By repeating the application data used above, and assuming that the foam properties are acquired 100 meters above the roof of the tank (ie by pressure drop of the order of 10 bar), and that this foam increases the apparent viscosity of the gas by a factor of 500, the following travel times are obtained:

- CO2 in its original form takes 5 to 6 hours to reach 100 meters from the roof, from which side the viscous nature of the foam is assumed,

- from this coast, its progression is slowed down considerably and 71 days are then required to reach 100 meters higher, that is to say 800 meters deep. - after one year, the CO2 is still only 630 meters deep, whereas it would have reached the surface in 6 days in the absence of foam (assuming the hydraulic path established to the surface and neglecting variations of CO2 properties as a first approximation).

In the optimum case where, in the presence of the foaming agent solution, the CO2 behaves like a foam under the conditions of pressure and temperature of the tank, the CO2 leak takes place in the form of foam as soon as it penetrates into the crack and then the speed ratio ^Mmo is u (L)

constant and equal to = = 1/500 over its entire flight path. The leak times

M are then increased in the same ratio viscosities of the foam and the original fluid. In this situation, CO2 (in the form of foam) is found in 790 meters deep after a year and takes almost 8 years to reach the surface.
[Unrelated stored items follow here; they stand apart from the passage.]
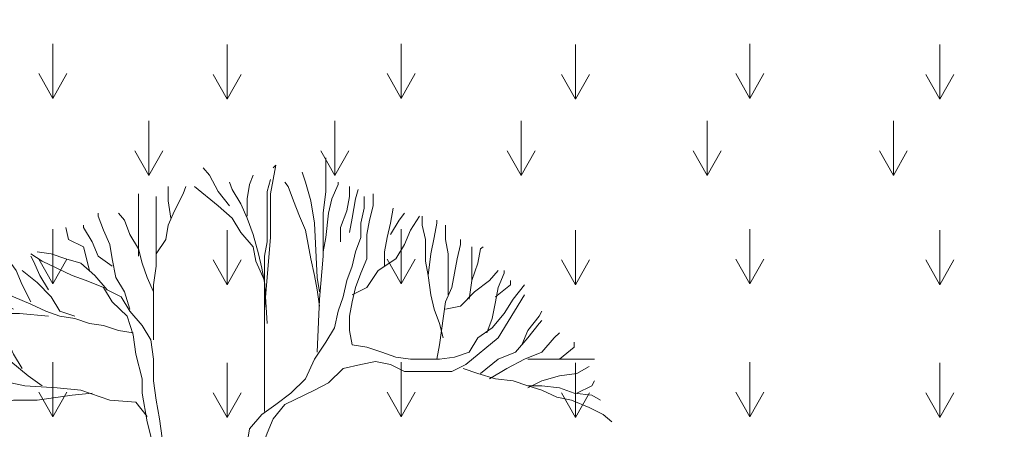
# Model space of a CAD drawing. Units: millimetres. Extents: x 595116 to 630915, y 909473 to 920225.
# Tile 29 of 134: x 629559 to 629622, y 919190 to 919216. Entities that reach past the tile are written whole.
import ezdxf

# ---------------------------------------------------------------- set-up
doc = ezdxf.new("R2010")
doc.units = ezdxf.units.MM
doc.layers.add('Dimension', color=3, linetype='Continuous', lineweight=18)
doc.layers.add('L-PLNT', color=85, linetype='Continuous', lineweight=13)
doc.styles.get("Standard").update_dxf_attribs({"font": 'arial.ttf'})
doc.dimstyles.new('ISO-25', dxfattribs={"dimtxt": 9, "dimasz": 6, "dimexe": 1.25, "dimexo": 0.625, "dimtad": 1, "dimlunit": 4, "dimtxsty": 'Standard', "dimcen": 2.5, "dimadec": 0, "dimazin": 0, "dimtfac": 1, "dimtmove": 0, "dimatfit": 3, "dimfxl": 1, "dimarcsym": 0})

# ---------------------------------------------------------------- blocks, each defined once
blk = doc.blocks.new('A$C143125F4')
for p, q in [((2.5383, 4.8203), (2.5711, 4.9995)), ((2.5711, 4.9995), (2.5547, 4.9816)), ((2.883, 4.8338), (2.883, 5.0443)), ((2.1554, 4.9368), (2.1171, 4.9816)), ((2.2101, 4.8338), (2.1554, 4.9368)), ((2.407, 4.8786), (2.4289, 4.9368)), ((2.7571, 4.892), (2.7353, 4.9547)), ((1.8983, 4.7755), (1.8983, 4.8651)), ((1.9913, 4.8203), (2.0077, 4.8651)), ((2.2101, 4.7442), (2.0624, 4.8651)), ((2.2976, 4.8472), (2.2812, 4.892)), ((2.3906, 4.789), (2.407, 4.8786)), ((2.5164, 4.8338), (2.5383, 4.9099)), ((2.6477, 4.8651), (2.6259, 4.892)), ((2.6806, 4.7755), (2.6477, 4.8651)), ((2.79, 4.7755), (2.7571, 4.892)), ((2.9213, 4.789), (2.9596, 4.8786)), ((2.9596, 4.8786), (2.9596, 4.892)), ((3.0307, 4.8024), (3.0307, 4.8651)), ((1.7123, 4.4306), (1.7123, 4.8203)), ((1.8217, 4.3679), (1.8217, 4.8024)), ((1.9366, 4.7128), (1.9913, 4.8203)), ((2.2812, 4.7442), (2.2101, 4.8338)), ((2.3523, 4.7576), (2.2976, 4.8472)), ((2.5164, 4.5202), (2.5164, 4.8338)), ((2.5383, 4.5471), (2.5383, 4.8203)), ((2.8666, 4.6994), (2.883, 4.8338)), ((3.0143, 4.7128), (3.0307, 4.8024)), ((3.069, 4.789), (3.0854, 4.8472)), ((3.1237, 4.7307), (3.1237, 4.8024)), ((3.1784, 4.7442), (3.1784, 4.8203)), ((1.9147, 4.668), (1.8983, 4.7755)), ((2.2976, 4.668), (2.2101, 4.7442)), ((2.3906, 4.668), (2.3523, 4.7576)), ((2.3906, 4.6814), (2.3906, 4.789)), ((2.7189, 4.6814), (2.6806, 4.7755)), ((2.8119, 4.6367), (2.79, 4.7755)), ((2.8994, 4.6994), (2.9213, 4.789)), ((3.0471, 4.668), (3.069, 4.789)), ((3.1565, 4.6546), (3.1784, 4.7442)), ((1.4606, 4.6814), (1.4606, 4.6994)), ((1.4935, 4.5919), (1.4606, 4.6814)), ((1.6247, 4.6546), (1.5865, 4.6994)), ((1.8983, 4.6232), (1.9366, 4.7128)), ((2.7571, 4.5919), (2.7189, 4.6814)), ((2.8666, 4.4306), (2.8666, 4.6994)), ((2.883, 4.5471), (2.8994, 4.6994)), ((2.976, 4.6098), (3.0143, 4.7128)), ((3.1018, 4.6367), (3.1237, 4.7307)), ((3.2878, 4.6367), (3.3042, 4.7307)), ((3.3425, 4.6546), (3.3753, 4.6994)), ((3.4136, 4.5919), (3.4683, 4.6814)), ((3.4847, 4.6232), (3.4847, 4.6814)), ((1.3676, 4.6098), (1.3676, 4.6232)), ((1.6576, 4.565), (1.6247, 4.6546)), ((1.8819, 4.5336), (1.8983, 4.6232)), ((2.3523, 4.5784), (2.2976, 4.668)), ((2.4289, 4.565), (2.3906, 4.668)), ((2.8283, 4.2962), (2.8119, 4.6367)), ((3.0307, 4.5784), (3.0471, 4.668)), ((3.1018, 4.5471), (3.1018, 4.6367)), ((3.1401, 4.565), (3.1565, 4.6546)), ((3.2659, 4.5471), (3.2878, 4.6367)), ((3.2878, 4.565), (3.3425, 4.6546)), ((3.5066, 4.5336), (3.4847, 4.6232)), ((3.5613, 4.5471), (3.5777, 4.6367)), ((3.5777, 4.6367), (3.5777, 4.6546)), ((3.6324, 4.5336), (3.6324, 4.6232)), ((1.2746, 4.5336), (1.2582, 4.6098)), ((1.4223, 4.5202), (1.3676, 4.6098)), ((1.5317, 4.5023), (1.4935, 4.5919)), ((1.7123, 4.4754), (1.6576, 4.565)), ((2.4289, 4.4888), (2.3523, 4.5784)), ((2.4617, 4.444), (2.4289, 4.565)), ((2.79, 4.4127), (2.7571, 4.5919)), ((2.976, 4.5202), (2.976, 4.6098)), ((3.1401, 4.4127), (3.1401, 4.565)), ((3.3753, 4.5023), (3.4136, 4.5919)), ((1.3676, 4.4888), (1.2746, 4.5336)), ((1.4606, 4.4306), (1.4223, 4.5202)), ((1.5482, 4.4127), (1.5317, 4.5023)), ((1.8217, 4.444), (1.8819, 4.5336)), ((2.5, 4.0991), (2.5383, 4.5471)), ((2.5, 4.4306), (2.5164, 4.5202)), ((2.8666, 4.4575), (2.883, 4.5471)), ((3.069, 4.4575), (3.1018, 4.5471)), ((3.2495, 4.4575), (3.2659, 4.5471)), ((3.3206, 4.4127), (3.3753, 4.5023)), ((3.5066, 4.3992), (3.5066, 4.5336)), ((3.5394, 4.444), (3.5613, 4.5471)), ((3.6488, 4.444), (3.6324, 4.5336)), ((3.7035, 4.4127), (3.7254, 4.5023)), ((3.7254, 4.5023), (3.7254, 4.5336)), ((1.1105, 4.3992), (1.0394, 4.444)), ((1.0777, 4.4575), (1.1652, 4.444)), ((1.1652, 4.444), (1.2582, 4.4127)), ((1.4059, 4.341), (1.3676, 4.4888)), ((1.7342, 4.3858), (1.7123, 4.4754)), ((2.4453, 4.3992), (2.4289, 4.4888)), ((2.4836, 4.3544), (2.4617, 4.444)), ((3.0471, 4.3679), (3.069, 4.4575)), ((3.2495, 4.3679), (3.2495, 4.4575)), ((3.523, 4.3096), (3.5394, 4.444)), ((3.6488, 4.1887), (3.6488, 4.444)), ((3.7965, 4.2783), (3.7965, 4.4888)), ((3.8348, 4.3858), (3.8512, 4.4754)), ((3.8512, 4.4754), (3.8677, 4.4888)), ((0.9464, 4.341), (0.9136, 4.3858)), ((1.0558, 4.3992), (1.0394, 4.4306)), ((1.0941, 4.3096), (1.0558, 4.3992)), ((1.2965, 4.3096), (1.1105, 4.3992)), ((1.2582, 4.4127), (1.3512, 4.3858)), ((1.3512, 4.3858), (1.4387, 4.3096)), ((1.5482, 4.3679), (1.4606, 4.4306)), ((1.57, 4.2962), (1.5482, 4.4127)), ((1.767, 4.2962), (1.7342, 4.3858)), ((2.5, 4.2783), (2.4453, 4.3992)), ((2.5, 3.4584), (2.5, 4.4306)), ((2.8119, 4.3096), (2.79, 4.4127)), ((2.8447, 4.1618), (2.8666, 4.4306)), ((3.1018, 4.3231), (3.1401, 4.4127)), ((3.2112, 4.341), (3.3206, 4.4127)), ((3.523, 4.3096), (3.5066, 4.3992)), ((3.6707, 4.2335), (3.7035, 4.4127)), ((3.7965, 4.2783), (3.8348, 4.3858)), ((0.9847, 4.2514), (0.9464, 4.341)), ((1.0777, 4.2648), (0.9847, 4.341)), ((1.8053, 4.2514), (1.8217, 4.3679)), ((2.5, 4.2648), (2.4836, 4.3544)), ((3.0143, 4.2783), (3.0471, 4.3679)), ((3.069, 4.2335), (3.1018, 4.3231)), ((3.1401, 4.2335), (3.2112, 4.341)), ((3.906, 4.2783), (3.9607, 4.341)), ((3.9607, 4.2335), (3.999, 4.3231)), ((3.999, 4.3231), (3.999, 4.341)), ((0.837, 4.22), (0.8042, 4.2648)), ((1.0394, 4.1439), (0.9847, 4.2514)), ((1.1652, 4.1752), (1.0777, 4.2648)), ((1.1488, 4.22), (1.0941, 4.3096)), ((1.384, 4.2783), (1.2965, 4.3096)), ((1.4935, 4.2335), (1.384, 4.2783)), ((1.4387, 4.3096), (1.5153, 4.22)), ((1.6247, 4.2066), (1.57, 4.2962)), ((1.8053, 4.2066), (1.767, 4.2962)), ((1.8053, 3.9064), (1.8053, 4.2514)), ((2.5164, 4.0095), (2.5, 4.2783)), ((2.8283, 4.22), (2.8119, 4.3096)), ((2.8447, 4.2066), (2.8283, 4.2962)), ((2.9924, 4.1752), (3.0143, 4.2783)), ((3.5394, 4.1887), (3.523, 4.3096)), ((3.7801, 4.1618), (3.7965, 4.2783)), ((3.813, 4.2066), (3.906, 4.2783)), ((3.9442, 4.1752), (4.0372, 4.2514)), ((4.0372, 4.2514), (4.0372, 4.2783)), ((4.1248, 4.2514), (4.0537, 4.1618)), ((0.837, 4.1439), (0.7659, 4.1887)), ((0.93, 4.1752), (0.837, 4.22)), ((1.5482, 4.1439), (1.4935, 4.2335)), ((1.5153, 4.22), (1.6029, 4.1752)), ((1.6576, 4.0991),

Thus, during the loss of integrity, suspected or proven, of a storage tank by fracturing, the procedure according to the invention of setting up a foaming agent at the top of the tank allows to slow down about two or even three orders of magnitude the speeds and migration times of CO2 in the hydraulic path created from the top of the tank. The present invention thus provides operators with considerably increased time to analyze the situation and take the necessary measures.

Claims

1) Method for controlling the integrity of a geological storage containing CO2, characterized in that the following steps are carried out:

2) Method according to claim 1, wherein the mobility agent is a foaming agent chosen to foam the CO2 that leaks through said blanket.

3) Method according to claim 2, wherein said foaming agent is a surfactant or a mixture of surfactants, in aqueous solution.

4) Method according to one of the preceding claims, wherein the injection point of the mobility reducing agent is in the vicinity of the roof of the tank.

5) Method according to one of the preceding claims, wherein sensors detect the embrittlement of the cracking cover to trigger the injection of a determined volume of CO2 mobility reducing agent.

6) Method according to one of the preceding claims, wherein said agent is injected through a well opening to the roof of the tank.